New COVID-19 cases are dropping in the U.S., and experts are attributing that at least partly to masks. But the virus is still killing nearly 1,000 Americans every day. Track the spread of the pandemic.

The CDC quietly changed its coronavirus testing guidelines this week to exclude people who don't have symptoms, even if they were recently exposed. Experts are calling the update "bizarre" and "potentially dangerous." The CDC also told retailers what to do about anti-mask shoppers.

What are you doing about school and work?
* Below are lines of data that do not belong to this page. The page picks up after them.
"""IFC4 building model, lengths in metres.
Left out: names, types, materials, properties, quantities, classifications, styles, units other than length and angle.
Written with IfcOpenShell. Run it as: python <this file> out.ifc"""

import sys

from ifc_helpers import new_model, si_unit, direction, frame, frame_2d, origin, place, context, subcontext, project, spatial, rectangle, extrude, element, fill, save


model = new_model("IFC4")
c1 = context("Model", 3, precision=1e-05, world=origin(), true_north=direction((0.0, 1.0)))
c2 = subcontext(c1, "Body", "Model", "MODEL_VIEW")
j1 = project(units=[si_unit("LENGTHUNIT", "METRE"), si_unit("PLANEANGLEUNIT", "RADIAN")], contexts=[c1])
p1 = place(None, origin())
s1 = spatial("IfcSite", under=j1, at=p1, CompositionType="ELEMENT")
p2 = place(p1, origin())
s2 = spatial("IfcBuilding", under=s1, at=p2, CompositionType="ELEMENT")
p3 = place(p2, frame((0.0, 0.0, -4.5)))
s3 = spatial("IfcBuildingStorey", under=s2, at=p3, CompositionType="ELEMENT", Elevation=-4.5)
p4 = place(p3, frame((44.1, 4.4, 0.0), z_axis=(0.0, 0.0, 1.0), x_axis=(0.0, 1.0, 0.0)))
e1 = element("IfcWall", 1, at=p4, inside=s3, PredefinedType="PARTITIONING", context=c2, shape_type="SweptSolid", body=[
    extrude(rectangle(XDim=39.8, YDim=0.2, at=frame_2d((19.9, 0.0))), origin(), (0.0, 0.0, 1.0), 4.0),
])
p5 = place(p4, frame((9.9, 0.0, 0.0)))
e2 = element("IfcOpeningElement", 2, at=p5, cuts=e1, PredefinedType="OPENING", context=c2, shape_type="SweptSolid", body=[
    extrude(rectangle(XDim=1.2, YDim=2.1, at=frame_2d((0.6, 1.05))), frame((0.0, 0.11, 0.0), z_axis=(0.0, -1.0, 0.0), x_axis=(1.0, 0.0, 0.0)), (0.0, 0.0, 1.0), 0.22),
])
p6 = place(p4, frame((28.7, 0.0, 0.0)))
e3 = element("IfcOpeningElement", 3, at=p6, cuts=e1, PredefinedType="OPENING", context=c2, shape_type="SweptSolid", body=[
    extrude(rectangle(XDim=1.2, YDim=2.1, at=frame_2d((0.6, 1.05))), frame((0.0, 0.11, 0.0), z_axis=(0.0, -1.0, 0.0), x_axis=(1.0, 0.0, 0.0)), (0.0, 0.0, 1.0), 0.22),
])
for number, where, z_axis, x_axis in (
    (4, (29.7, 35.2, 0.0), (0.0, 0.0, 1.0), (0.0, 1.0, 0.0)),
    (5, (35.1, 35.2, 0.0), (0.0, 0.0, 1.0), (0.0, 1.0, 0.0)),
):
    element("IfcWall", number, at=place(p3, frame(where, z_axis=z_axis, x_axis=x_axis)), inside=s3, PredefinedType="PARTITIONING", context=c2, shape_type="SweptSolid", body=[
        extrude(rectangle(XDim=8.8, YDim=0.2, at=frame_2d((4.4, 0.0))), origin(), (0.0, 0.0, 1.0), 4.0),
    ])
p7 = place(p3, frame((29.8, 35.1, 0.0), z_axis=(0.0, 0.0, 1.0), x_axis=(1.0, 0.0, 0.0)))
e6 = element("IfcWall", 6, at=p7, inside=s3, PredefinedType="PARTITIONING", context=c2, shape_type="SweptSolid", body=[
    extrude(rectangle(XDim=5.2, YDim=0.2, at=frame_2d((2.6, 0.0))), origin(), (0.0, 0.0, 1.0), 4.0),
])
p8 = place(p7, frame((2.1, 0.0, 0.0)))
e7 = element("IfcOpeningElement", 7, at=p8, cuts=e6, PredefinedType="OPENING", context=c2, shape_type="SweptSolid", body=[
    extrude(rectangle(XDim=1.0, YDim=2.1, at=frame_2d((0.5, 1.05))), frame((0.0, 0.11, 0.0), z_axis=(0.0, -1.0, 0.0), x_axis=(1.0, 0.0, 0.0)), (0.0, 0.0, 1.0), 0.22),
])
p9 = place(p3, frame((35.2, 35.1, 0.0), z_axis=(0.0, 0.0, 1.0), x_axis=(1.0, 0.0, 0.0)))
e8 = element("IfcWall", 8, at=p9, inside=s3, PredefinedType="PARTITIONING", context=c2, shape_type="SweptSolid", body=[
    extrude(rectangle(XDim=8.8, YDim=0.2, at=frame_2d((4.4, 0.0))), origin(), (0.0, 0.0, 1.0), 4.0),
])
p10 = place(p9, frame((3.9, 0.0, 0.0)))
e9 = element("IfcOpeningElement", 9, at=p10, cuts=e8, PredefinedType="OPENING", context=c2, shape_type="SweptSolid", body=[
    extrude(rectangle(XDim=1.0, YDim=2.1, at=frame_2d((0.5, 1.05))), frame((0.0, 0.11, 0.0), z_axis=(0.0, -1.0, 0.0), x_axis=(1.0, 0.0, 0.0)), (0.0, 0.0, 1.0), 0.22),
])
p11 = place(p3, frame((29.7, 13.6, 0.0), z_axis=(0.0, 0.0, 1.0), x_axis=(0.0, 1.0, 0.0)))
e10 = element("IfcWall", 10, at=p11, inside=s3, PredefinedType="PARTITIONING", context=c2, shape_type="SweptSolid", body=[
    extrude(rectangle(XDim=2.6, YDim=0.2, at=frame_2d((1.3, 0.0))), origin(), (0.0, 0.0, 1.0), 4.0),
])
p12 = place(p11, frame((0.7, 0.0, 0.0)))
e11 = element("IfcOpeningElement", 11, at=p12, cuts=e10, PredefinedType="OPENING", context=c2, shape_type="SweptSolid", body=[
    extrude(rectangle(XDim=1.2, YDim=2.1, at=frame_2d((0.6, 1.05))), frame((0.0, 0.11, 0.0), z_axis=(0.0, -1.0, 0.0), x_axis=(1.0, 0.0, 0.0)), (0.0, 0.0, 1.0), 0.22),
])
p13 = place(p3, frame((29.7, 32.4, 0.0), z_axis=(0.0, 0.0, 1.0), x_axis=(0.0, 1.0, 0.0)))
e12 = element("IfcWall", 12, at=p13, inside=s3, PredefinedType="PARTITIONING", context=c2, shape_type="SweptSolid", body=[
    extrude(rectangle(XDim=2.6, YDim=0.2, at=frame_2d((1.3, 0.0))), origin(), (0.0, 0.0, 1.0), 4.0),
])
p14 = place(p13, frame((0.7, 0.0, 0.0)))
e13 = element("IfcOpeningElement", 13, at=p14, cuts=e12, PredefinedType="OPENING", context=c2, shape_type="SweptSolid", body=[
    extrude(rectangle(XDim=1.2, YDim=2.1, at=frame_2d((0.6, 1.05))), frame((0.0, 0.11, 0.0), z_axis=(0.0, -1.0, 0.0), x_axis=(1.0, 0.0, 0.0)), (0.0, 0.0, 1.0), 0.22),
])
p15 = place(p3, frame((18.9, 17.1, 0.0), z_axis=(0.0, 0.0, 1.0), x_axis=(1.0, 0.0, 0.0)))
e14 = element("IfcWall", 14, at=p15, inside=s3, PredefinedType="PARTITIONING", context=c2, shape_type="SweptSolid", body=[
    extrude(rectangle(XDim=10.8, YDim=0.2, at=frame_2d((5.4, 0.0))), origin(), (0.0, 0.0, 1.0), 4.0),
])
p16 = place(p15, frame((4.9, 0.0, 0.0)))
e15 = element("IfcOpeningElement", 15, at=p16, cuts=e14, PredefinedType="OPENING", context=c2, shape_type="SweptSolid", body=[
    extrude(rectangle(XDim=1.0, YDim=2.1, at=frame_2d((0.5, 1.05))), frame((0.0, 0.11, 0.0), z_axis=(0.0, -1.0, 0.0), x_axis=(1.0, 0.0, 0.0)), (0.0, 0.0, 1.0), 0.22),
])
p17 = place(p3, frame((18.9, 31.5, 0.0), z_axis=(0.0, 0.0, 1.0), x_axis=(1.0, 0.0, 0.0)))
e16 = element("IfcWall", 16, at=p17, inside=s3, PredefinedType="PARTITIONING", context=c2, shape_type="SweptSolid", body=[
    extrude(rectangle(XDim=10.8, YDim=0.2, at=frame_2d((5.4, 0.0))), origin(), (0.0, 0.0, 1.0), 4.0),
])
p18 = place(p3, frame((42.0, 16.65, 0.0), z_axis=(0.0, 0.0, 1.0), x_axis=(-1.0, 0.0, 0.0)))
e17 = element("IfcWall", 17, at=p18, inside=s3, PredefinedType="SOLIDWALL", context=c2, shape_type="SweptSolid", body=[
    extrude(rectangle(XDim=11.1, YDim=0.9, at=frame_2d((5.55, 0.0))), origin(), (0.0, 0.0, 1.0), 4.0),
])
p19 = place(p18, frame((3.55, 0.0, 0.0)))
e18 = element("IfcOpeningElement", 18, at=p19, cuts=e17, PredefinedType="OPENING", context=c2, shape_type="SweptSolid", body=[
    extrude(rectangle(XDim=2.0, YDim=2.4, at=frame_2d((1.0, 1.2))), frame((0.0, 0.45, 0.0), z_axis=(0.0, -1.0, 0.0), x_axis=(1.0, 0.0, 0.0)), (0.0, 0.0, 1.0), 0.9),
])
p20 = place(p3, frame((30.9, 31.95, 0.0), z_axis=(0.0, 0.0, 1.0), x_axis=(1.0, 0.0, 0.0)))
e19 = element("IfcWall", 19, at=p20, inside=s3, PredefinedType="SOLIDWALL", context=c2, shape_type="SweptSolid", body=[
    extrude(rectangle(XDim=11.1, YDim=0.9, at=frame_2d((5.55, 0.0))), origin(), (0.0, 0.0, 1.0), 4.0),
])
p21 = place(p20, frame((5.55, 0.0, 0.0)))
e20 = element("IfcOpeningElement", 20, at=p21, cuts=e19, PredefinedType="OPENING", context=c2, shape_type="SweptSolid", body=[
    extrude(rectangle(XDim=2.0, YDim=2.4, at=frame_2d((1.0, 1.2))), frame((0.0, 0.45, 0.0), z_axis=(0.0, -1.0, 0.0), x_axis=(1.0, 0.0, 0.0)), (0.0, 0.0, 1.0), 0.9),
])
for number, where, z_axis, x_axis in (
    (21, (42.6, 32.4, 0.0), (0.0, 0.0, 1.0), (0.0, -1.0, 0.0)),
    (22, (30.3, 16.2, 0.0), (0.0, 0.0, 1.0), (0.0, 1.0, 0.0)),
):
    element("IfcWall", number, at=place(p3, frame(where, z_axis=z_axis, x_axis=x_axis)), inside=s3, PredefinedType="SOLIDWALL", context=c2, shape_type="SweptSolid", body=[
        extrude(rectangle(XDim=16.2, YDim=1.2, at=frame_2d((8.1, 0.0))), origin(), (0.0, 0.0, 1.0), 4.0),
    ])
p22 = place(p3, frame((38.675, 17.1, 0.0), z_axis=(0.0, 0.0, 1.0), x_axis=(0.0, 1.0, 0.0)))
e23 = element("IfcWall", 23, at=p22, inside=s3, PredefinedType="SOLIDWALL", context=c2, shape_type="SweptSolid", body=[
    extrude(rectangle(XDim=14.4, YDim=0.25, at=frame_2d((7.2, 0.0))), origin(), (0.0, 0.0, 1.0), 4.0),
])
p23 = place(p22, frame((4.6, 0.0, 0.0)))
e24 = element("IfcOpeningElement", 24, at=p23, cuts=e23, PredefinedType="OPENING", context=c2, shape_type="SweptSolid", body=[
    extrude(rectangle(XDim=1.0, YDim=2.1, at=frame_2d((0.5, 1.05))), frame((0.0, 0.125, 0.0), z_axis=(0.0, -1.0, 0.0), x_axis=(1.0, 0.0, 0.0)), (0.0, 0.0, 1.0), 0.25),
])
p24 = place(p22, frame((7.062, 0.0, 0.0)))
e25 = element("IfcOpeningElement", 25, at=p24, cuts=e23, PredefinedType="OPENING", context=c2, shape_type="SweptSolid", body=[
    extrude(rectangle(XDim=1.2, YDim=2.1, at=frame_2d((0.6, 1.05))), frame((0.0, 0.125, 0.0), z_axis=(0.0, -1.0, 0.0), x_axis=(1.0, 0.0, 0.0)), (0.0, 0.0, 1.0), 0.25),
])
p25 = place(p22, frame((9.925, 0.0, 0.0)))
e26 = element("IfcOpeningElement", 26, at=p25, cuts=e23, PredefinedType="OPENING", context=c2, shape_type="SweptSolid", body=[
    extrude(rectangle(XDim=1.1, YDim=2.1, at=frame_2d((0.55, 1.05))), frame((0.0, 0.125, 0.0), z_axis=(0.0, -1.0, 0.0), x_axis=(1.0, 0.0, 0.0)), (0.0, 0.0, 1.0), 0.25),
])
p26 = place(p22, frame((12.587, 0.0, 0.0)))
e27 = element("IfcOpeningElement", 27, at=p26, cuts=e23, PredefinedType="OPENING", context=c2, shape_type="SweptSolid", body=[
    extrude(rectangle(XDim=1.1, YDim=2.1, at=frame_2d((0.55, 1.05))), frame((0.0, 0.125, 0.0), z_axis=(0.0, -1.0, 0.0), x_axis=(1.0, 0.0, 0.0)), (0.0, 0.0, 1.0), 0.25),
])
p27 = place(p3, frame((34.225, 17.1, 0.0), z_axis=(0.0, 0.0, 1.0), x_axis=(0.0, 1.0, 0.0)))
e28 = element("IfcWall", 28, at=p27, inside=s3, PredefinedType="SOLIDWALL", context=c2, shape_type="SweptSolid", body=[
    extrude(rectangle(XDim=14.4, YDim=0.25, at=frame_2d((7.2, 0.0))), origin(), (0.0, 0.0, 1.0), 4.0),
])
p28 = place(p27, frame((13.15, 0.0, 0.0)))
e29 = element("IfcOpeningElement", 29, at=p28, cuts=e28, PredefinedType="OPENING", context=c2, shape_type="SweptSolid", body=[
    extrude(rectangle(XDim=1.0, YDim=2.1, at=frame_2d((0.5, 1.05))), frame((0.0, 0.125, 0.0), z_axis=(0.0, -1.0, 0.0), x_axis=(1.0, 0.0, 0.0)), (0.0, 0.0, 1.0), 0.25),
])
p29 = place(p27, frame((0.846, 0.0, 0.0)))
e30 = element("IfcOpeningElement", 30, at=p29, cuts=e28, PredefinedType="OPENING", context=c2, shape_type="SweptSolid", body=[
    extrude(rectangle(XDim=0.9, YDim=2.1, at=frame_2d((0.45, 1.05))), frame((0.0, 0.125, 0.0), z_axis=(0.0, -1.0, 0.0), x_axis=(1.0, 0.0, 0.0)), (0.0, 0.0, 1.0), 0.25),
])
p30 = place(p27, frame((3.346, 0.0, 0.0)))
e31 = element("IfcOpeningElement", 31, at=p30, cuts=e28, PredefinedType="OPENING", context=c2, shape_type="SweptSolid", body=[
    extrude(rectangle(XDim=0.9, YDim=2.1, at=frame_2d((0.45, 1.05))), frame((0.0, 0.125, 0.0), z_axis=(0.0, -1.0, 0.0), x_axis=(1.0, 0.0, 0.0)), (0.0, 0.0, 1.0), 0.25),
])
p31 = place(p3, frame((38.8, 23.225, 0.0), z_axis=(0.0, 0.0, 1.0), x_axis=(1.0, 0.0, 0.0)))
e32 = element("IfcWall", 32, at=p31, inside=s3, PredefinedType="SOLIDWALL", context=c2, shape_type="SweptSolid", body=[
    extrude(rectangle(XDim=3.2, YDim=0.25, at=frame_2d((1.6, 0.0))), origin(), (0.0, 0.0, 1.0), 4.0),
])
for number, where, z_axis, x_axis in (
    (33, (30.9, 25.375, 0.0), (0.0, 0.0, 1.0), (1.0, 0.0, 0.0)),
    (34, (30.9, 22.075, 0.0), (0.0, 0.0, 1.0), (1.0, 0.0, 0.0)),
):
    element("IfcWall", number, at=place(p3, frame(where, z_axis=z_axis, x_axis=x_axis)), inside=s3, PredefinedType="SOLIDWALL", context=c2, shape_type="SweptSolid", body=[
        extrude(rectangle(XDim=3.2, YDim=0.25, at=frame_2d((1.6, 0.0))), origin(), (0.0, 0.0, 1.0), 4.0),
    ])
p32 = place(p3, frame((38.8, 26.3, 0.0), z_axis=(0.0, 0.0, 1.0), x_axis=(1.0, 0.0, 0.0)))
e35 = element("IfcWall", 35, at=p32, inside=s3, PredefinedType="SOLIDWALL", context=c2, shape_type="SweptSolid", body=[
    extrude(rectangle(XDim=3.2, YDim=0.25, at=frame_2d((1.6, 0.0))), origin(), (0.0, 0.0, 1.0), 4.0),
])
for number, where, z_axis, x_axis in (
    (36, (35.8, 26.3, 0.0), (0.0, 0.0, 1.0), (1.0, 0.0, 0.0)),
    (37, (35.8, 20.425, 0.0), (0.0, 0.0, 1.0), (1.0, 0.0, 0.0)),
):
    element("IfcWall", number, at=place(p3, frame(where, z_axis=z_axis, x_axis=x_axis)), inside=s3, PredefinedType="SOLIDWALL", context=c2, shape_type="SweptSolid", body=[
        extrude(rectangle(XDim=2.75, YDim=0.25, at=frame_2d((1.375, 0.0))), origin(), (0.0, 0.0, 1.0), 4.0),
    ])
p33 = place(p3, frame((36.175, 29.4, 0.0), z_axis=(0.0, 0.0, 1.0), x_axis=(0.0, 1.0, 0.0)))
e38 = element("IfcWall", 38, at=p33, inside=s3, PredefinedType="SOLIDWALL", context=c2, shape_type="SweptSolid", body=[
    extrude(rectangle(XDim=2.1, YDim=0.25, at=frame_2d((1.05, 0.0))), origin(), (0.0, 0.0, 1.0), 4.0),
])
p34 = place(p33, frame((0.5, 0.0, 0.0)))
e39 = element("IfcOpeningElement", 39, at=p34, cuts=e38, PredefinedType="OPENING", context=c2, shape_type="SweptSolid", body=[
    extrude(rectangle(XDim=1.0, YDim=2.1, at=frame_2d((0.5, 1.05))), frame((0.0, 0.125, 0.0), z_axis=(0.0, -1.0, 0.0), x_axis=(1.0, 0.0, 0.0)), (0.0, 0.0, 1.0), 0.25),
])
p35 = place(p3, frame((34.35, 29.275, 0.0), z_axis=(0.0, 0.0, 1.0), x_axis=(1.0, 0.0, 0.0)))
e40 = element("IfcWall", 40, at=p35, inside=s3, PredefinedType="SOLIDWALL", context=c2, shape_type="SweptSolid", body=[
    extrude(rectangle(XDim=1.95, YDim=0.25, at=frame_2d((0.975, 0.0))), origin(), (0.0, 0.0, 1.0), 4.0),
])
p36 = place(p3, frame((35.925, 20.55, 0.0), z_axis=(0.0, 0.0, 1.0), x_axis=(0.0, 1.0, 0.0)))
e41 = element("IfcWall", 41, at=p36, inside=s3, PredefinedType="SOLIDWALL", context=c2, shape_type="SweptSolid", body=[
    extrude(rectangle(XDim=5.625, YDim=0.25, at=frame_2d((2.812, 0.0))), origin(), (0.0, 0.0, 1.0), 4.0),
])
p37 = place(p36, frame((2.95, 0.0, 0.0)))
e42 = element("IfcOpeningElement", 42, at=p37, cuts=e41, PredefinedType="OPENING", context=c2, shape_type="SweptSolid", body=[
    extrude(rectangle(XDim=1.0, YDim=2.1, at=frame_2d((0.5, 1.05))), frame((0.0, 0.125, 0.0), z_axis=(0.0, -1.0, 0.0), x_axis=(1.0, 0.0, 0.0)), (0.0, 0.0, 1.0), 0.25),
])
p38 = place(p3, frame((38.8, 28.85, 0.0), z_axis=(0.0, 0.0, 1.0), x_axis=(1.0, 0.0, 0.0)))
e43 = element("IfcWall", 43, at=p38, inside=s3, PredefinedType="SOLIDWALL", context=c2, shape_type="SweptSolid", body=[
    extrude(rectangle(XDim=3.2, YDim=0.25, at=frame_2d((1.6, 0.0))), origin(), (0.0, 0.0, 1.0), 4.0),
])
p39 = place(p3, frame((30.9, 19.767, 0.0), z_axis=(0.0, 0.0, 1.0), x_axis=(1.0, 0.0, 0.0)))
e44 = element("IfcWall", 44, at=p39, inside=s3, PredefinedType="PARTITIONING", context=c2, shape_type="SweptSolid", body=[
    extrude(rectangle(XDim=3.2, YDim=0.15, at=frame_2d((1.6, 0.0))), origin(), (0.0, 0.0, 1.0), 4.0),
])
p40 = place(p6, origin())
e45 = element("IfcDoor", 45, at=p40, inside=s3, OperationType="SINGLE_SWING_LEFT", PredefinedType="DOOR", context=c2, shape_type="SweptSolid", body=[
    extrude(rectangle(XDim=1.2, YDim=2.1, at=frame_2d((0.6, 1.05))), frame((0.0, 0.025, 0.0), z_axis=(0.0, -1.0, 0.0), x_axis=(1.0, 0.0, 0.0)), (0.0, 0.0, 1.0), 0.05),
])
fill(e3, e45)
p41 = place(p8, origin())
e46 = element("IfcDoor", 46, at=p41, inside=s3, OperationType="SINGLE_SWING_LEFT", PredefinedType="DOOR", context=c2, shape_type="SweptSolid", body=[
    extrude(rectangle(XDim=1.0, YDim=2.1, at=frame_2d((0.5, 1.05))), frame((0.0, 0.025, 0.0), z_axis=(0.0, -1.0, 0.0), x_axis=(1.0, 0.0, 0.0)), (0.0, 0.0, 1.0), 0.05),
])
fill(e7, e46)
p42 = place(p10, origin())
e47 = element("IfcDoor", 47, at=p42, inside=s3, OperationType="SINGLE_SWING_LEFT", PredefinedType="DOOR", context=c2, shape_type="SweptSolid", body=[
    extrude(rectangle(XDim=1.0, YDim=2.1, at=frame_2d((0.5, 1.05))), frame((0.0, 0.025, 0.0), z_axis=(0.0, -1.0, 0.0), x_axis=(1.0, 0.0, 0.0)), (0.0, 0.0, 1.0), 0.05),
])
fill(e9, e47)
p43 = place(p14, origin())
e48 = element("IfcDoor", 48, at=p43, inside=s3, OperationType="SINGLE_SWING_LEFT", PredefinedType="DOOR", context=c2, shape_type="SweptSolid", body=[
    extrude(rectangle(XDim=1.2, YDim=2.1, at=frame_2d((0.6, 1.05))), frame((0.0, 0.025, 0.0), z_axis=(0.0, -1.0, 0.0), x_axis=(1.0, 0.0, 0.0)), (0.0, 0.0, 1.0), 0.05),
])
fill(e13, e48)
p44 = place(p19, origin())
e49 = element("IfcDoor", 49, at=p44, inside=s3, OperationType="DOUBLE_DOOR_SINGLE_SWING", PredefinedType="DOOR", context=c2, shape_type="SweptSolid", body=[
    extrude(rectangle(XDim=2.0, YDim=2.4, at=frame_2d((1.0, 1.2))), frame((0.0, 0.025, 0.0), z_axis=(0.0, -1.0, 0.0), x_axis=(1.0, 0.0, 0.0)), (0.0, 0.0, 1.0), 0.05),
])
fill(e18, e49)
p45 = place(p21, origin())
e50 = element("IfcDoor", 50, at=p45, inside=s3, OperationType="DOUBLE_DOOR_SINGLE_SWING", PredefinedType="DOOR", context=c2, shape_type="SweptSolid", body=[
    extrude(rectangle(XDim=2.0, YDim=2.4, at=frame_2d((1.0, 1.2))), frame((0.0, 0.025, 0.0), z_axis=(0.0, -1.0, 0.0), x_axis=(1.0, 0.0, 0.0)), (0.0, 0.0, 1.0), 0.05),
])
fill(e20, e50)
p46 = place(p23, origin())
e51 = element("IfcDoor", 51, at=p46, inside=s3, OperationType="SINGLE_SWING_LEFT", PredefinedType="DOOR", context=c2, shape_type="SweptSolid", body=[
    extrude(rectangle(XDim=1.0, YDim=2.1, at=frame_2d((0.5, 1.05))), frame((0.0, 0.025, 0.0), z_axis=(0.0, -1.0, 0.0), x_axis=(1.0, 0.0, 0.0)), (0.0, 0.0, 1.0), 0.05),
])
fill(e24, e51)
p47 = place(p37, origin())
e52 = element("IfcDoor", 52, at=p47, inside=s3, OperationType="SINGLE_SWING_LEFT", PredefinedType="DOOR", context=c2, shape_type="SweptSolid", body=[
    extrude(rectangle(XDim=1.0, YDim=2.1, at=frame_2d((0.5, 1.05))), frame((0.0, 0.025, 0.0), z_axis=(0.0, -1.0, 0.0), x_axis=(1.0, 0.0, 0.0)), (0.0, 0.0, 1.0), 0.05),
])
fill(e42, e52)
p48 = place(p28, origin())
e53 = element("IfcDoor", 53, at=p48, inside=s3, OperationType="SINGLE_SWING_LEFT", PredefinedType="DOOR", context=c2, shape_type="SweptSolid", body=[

That's a ubiquitous question as hundreds of thousands of parents across Washington face tough choices. The financial costs for many families — and the state's economy — are expected to be substantial. Meanwhile, a new analysis lays out which King County schools should reopen first, when the time comes.

A spike in cases at a Seattle homeless shelter is raising worries about what will happen when the weather cools down. 

More than 500 infections have broken out on one college campus, but the University of Alabama in Tuscaloosa is staying open. It's among many universities dealing with alarming increases.

Legendary Jamaican sprinter Usain Bolt has tested positive.

"Superspreader event" is a giant understatement: A meeting at a Boston hotel may have ignited the spread of the virus to some 19,000 people, gene sleuths say.

A rural Oregon clinic is stepping onto the world stage with a COVID-19 vaccine trial led by the founder of a $10 million winery and château.

Don’t lick those fingers! One fast-food chain has suspended what it calls "the most inappropriate slogan for 2020."